In computer science, the buzzword of the day is ''big data.'' The proliferation of cheap, internet-connected sensors - such as the GPS receivers, accelerometers and cameras in smartphones - has meant an explosion of information whose potential uses have barely begun to be explored. In large part, that's because processing all that data can be prohibitively time-consuming.

Most computer scientists try to make better sense of big data by developing ever-more-efficient algorithms. But in a paper presented this month at the Association for Computing Machinery's International Conference on Advances in Geographic Information Systems, MIT researchers take the opposite approach, describing a novel way to represent data so that it takes up much less space in memory but can still be processed in conventional ways.

While promising significant computational speedups, the approach could be more generally applicable than other big-data techniques, since it can work with existing algorithms.

In the new paper, the researchers apply their technique to two-dimensional location data generated by GPS receivers, a very natural application that also demonstrates clearly how the technique works. As Daniela Rus, a professor of computer science and engineering and director of MIT's Computer Science and Artificial Intelligence Laboratory, explains, GPS receivers take position readings every 10 seconds, which adds up to a gigabyte of data each day. A computer system trying to process GPS data from tens of thousands of cars in order to infer traffic patterns could quickly be overwhelmed.

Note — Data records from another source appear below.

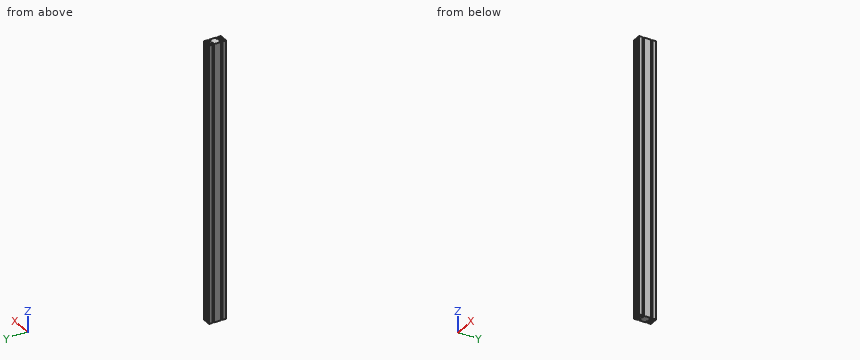
from build123d import *

# Parameters (mm, degrees)
SKETCH_1_R      = 3
EXTRUDE_1_DEPTH = 990


with BuildPart() as part:
    # 草图1 → 凸台-拉伸1 (new body)
    with BuildSketch(Plane.XY):
        Polygon((-27.495741056, 11.192504259), (-24.995741056, 11.192504259), (-24.995741056, 13.192504259), (-19.495741056, 13.192504259), (-19.495741056, 11.192504259), (-16.995741056, 11.192504259), (-16.995741056, 5.692504259), (-19.495741056, 5.692504259), (-19.495741056, 3.692504259), (-24.995741056, 3.692504259), (-24.995741056, 5.692504259), (-27.495741056, 5.692504259), (-27.495741056, -19.607495741), (-24.995741056, -19.607495741), (-24.995741056, -17.607495741), (-19.495741056, -17.607495741), (-19.495741056, -19.607495741), (-16.995741056, -19.607495741), (-16.995741056, -25.107495741), (-19.495741056, -25.107495741), (-19.495741056, -27.107495741), (-24.995741056, -27.107495741), (-24.995741056, -25.107495741), (-27.495741056, -25.107495741), (-27.495741056, -36.957495741), (-15.645741056, -36.957495741), (-15.645741056, -34.457495741), (-17.645741056, -34.457495741), (-17.645741056, -28.957495741), (-15.748076247, -28.957495741), (-15.748076247, -27.422563567), (-9.243405866, -27.422563567), (-9.243405866, -28.957495741), (-7.345741056, -28.957495741), (-7.345741056, -34.457495741), (-9.345741056, -34.457495741), (-9.345741056, -36.957495741), (2.504258944, -36.957495741), (2.504258944, -25.107495741), (0.004258944, -25.107495741), (0.004258944, -27.107495741), (-5.495741056, -27.107495741), (-5.495741056, -25.107495741), (-7.995741056, -25.107495741), (-7.995741056, -19.607495741), (-5.495741056, -19.607495741), (-5.495741056, -17.607495741), (0.004258944, -17.607495741), (0.004258944, -19.607495741), (2.504258944, -19.607495741), (2.504258944, 5.692504259), (0.004258944, 5.692504259), (0.004258944, 3.692504259), (-5.495741056, 3.692504259), (-5.495741056, 5.692504259), (-7.995741056, 5.692504259), (-7.995741056, 11.192504259), (-5.495741056, 11.192504259), (-5.495741056, 13.192504259), (0.004258944, 13.192504259), (0.004258944, 11.192504259), (2.504258944, 11.192504259), (2.504258944, 23.042504259), (-9.345741056, 23.042504259), (-9.345741056, 20.542504259), (-7.345741056, 20.542504259), (-7.345741056, 15.042504259), (-9.243405866, 15.042504259), (-9.243405866, 13.507572085), (-15.748076247, 13.507572085), (-15.748076247, 15.042504259), (-17.645741056, 15.042504259), (-17.645741056, 20.542504259), (-15.645741056, 20.542504259), (-15.645741056, 23.042504259), (-27.495741056, 23.042504259), align=None)
        with Locations((-21.995741056, 17.542504259)):
            Circle(SKETCH_1_R, mode=Mode.SUBTRACT)
        with Locations(Location((-2.995741056, 17.542504259, 0), (0, 0, 180))):
            Circle(SKETCH_1_R, mode=Mode.SUBTRACT)
        with Locations((-2.995741056, -31.457495741)):
            Circle(SKETCH_1_R, mode=Mode.SUBTRACT)
        with Locations(Location((-21.995741056, -31.457495741, 0), (0, 0, 180))):
            Circle(SKETCH_1_R, mode=Mode.SUBTRACT)
    extrude(amount=EXTRUDE_1_DEPTH)


solid = part.part
CAD build for the part. Positions are in the model's coordinates, mm. Coordinates: 2 decimals unless noted, no trailing zeros. Use one line per item in the form item = value. Start each with the question number.
1) Drill centre lines: L1, parallel to Y at x = 0.5, z = 694.5; L2, parallel to Y at x = -2.5, z = 54.5; L3, parallel to X at y = 17.5, z = 347. Where is each one in solid material? Low to high. Write a range as from..to.
2) Flat gauge pin, fed straight in: pin 1 (3 mm diameter, centred on x = -6, y = 10.5, fed in from +Z). Where does the tip first touch, or does it go through?
3) Band-saw the part on A-A (z = 885). State how many separate pieces and enclosed holes the cut face has, and give its area (3 significant figures).
Check values:
q1.L1 = -36.96..-25.11, -19.61..5.69, 11.19..23.04
q1.L2 = -36.96..-34.42, -28.5..-27.11, -17.61..3.69, 13.19..14.58, 20.5..23.04
q1.L3 = -27.5..-25, -19..-17.65, -7.35..-6, 0..2.5
q2.pin_1 = 990
q3.separate_pieces = 1
q3.enclosed_holes = 4
q3.area = 1,200 mm2

But in analysing the route traversed by a car, it's generally not necessary to consider the precise coordinates of every point along the route. The essential information is the points at which the car turns; the path between such points can be approximated by a straight line. That's what the new algorithm does.

A key aspect of the algorithm, explains Dan Feldman, a postdoc in Rus' group and lead author on the new paper, is that it can compress data on the fly. For instance, it could compress the first megabyte of data it receives from a car, then wait until another megabyte builds up and compress again, then wait for another megabyte, and so on - and yet the final representation of the data would preserve almost as much information as if the algorithm had waited for all the data to arrive before compressing.